I really wanted this list to be short and sweet, but I kept running into more and more folks that are just darn selfless and great, and deserve a shout out.
So…here is my definitive list of DevOps folks I love to follow on Twitter – and I think you should too.
Obviously I couldn’t get everyone in – and I may have just missed some as an oversight – so I’m opening this up for your editing and adding of DevOps rockstars you think should be in this list.  You can fork the file on GitHub and add your edits here, and we will be sure to give you credit for the addition.  I actually went ahead and created a Twitter list – so you can quickly follow everyone on the list, and your suggestions will be added there as well.  Follow it here.

The Thought Leaders

Jez Humble @jezhumble
Probably the father of all things DevOps and continuous delivery – he literally wrote the book on it (and owns the domain – pun intended).  And really a standup guy.  He answers emails.  Even from people he doesn’t know begging him to come present at local, poorly funded DevOps conferences.  He’s that Humble.

Patrick Debois @patrickdebois
Patrick is the founder of the international DevOps Days events – and he takes every single one seriously.   He is pretty much the person who coined the term “DevOps”. Now five years later – DevOps Days is one of the most successful dev/ops events around the world.  The entire team behind DevOps Days is worthy of followership – and many are mentioned here explicitly – but really all awesome folks who toil effortlessly to spread the gospel.

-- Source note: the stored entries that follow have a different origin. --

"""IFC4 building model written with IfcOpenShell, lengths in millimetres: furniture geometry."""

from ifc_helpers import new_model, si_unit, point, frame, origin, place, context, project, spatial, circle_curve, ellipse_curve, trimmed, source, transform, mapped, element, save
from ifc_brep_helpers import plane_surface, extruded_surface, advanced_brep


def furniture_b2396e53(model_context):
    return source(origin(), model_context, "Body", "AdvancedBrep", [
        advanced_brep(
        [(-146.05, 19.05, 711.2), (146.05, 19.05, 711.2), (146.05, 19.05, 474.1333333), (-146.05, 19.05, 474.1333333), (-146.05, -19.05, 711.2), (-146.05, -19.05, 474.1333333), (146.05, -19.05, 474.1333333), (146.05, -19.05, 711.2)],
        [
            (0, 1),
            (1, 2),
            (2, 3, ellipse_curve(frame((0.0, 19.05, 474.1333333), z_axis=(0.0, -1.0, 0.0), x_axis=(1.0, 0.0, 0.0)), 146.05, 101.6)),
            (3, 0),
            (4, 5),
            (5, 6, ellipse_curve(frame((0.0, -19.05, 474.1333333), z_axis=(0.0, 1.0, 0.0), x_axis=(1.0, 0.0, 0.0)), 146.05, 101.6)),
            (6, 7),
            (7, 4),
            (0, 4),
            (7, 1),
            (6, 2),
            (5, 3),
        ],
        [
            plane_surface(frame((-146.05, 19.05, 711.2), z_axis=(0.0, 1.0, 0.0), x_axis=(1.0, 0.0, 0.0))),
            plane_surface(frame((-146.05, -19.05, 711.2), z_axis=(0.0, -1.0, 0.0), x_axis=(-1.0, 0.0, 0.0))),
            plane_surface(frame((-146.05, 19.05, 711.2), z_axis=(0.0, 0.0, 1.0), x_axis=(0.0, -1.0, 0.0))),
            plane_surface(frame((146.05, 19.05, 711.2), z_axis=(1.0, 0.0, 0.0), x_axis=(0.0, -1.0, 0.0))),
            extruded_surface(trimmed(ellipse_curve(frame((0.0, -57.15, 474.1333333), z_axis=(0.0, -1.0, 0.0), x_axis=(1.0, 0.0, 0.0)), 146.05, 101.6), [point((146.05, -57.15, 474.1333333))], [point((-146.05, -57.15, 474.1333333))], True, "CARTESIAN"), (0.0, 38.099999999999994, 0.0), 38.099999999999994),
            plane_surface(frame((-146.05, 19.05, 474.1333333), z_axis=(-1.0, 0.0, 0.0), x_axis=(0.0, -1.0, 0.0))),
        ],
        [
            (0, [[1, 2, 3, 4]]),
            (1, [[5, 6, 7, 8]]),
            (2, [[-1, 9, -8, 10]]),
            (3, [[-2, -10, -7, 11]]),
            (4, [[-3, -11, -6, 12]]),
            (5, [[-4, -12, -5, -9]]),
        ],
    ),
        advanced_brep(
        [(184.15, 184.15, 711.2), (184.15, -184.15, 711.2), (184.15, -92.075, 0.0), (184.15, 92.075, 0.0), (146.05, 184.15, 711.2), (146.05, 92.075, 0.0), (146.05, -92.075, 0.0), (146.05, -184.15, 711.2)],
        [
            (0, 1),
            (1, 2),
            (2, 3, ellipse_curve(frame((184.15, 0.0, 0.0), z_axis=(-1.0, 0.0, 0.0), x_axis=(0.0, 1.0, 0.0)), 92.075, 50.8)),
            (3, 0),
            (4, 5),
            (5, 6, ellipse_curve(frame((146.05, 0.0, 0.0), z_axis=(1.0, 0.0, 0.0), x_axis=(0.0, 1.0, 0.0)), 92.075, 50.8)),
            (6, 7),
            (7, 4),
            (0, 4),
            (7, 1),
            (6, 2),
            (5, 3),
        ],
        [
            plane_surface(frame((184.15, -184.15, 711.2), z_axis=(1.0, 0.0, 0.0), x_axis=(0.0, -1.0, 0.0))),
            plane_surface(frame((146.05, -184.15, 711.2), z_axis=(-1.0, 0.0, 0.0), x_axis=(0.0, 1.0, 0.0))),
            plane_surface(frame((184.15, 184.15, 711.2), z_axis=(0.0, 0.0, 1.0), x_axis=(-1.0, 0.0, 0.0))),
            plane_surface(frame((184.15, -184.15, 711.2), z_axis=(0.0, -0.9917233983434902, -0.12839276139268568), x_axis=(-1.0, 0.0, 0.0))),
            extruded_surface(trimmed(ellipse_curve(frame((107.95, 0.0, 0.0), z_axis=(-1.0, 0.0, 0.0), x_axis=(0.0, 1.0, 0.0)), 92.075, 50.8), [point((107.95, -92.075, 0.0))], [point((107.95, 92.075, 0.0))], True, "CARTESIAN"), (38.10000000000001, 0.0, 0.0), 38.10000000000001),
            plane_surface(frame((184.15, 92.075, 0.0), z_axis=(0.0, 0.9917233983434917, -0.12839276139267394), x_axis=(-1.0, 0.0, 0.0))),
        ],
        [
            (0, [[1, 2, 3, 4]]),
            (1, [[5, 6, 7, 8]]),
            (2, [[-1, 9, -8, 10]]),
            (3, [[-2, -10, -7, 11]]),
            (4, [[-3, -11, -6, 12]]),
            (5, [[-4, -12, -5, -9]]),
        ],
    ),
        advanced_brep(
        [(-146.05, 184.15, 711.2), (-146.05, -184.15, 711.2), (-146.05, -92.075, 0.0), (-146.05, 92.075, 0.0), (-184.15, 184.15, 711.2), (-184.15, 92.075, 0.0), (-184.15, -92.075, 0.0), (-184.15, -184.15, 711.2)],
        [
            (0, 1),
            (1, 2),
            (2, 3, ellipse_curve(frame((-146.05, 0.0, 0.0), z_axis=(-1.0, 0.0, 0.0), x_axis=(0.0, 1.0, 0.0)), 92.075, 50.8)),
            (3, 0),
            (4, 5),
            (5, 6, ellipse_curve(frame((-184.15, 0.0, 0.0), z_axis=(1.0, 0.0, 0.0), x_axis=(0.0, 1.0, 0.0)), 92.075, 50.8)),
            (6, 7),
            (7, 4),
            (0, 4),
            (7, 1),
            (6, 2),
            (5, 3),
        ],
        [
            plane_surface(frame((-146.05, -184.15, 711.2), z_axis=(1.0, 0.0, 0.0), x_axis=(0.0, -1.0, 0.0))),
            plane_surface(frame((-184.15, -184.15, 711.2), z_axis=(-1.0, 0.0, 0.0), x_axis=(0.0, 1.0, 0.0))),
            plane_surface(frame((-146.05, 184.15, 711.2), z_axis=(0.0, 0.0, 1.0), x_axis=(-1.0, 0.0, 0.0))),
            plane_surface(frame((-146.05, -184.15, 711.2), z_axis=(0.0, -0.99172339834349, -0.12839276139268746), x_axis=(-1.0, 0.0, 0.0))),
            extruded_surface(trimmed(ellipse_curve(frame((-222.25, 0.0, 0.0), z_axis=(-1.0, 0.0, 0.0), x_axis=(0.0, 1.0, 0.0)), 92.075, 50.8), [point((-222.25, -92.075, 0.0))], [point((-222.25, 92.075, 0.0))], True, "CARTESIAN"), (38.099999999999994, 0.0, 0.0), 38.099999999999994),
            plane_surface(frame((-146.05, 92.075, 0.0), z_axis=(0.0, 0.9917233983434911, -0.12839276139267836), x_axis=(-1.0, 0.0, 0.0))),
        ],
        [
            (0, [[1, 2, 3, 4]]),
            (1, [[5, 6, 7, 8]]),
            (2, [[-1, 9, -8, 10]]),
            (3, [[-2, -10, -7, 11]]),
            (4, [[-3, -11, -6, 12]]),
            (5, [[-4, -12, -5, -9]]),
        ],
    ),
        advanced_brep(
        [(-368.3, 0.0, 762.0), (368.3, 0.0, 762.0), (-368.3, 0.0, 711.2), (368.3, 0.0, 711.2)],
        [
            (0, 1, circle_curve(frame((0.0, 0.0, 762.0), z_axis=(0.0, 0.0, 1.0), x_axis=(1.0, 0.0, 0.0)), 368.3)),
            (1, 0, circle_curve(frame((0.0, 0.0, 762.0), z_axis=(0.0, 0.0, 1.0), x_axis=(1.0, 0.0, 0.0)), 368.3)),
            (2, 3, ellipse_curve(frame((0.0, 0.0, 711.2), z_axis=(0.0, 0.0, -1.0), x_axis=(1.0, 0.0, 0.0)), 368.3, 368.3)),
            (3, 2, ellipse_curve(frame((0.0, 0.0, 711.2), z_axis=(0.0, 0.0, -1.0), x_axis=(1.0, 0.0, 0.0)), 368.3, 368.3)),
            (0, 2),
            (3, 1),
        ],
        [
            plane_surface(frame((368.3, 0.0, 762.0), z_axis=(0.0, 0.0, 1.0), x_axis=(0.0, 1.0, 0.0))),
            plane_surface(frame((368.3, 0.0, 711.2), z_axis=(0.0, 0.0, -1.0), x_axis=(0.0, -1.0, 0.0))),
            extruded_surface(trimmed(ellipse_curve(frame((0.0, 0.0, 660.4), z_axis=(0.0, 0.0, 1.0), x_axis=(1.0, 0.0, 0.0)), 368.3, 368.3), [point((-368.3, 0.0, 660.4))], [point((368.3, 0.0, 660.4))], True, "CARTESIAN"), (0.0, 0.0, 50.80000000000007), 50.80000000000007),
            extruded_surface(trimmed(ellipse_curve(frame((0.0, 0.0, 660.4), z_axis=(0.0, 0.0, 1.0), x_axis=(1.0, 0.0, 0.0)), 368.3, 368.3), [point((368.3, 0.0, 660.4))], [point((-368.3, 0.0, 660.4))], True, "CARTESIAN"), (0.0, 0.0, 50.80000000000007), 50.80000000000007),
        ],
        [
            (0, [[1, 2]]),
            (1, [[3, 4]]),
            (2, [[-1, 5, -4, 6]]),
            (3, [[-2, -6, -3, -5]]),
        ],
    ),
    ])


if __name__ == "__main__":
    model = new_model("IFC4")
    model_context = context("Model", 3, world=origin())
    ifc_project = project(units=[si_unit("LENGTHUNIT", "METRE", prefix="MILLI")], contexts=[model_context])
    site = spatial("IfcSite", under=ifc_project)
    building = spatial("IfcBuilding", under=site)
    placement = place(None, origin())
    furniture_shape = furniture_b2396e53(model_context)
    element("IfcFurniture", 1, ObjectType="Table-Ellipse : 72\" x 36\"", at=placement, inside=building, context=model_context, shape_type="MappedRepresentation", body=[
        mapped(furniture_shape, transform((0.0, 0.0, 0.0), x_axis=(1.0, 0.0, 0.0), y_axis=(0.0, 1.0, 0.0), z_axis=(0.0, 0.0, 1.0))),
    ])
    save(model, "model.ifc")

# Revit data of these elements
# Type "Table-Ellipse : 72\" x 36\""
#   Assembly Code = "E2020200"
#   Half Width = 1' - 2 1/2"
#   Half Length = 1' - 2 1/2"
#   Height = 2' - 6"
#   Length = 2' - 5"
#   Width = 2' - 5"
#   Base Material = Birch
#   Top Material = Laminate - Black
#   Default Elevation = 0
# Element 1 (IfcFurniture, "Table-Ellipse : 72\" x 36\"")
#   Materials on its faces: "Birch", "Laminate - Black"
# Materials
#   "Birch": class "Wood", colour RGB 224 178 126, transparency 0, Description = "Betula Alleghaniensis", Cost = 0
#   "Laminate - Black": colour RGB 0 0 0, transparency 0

Isss nice!

John Willis@botchagalupe
John (and @damonedwards of course) are the voice behind the popular podcast “DevOps Cafe”, and I personally had the pleasure of meeting John when he came for DevOps Days Tel Aviv.  John’s in the business of  ‘bringing DevOps goodness to all’, and is a regular speaker at DevOps Days events. John has been in the business of “devops” before the term was coined.

Adrian Cockcroft – @adrianco
Former Netflix & eBay, Adrian is the brainchild behind the brilliant Chaos Monkey we all love to hate, and is likely one of the most renowned cloud architects today.  As an interesting and well rounded fellow – you can expect his stream to include diverse topics on top of technology, which is also witnessed in his recent defection from Netflix for a VC to expand his scope past media and cloud. I’m actually looking forward to seeing him speak in Israel next week.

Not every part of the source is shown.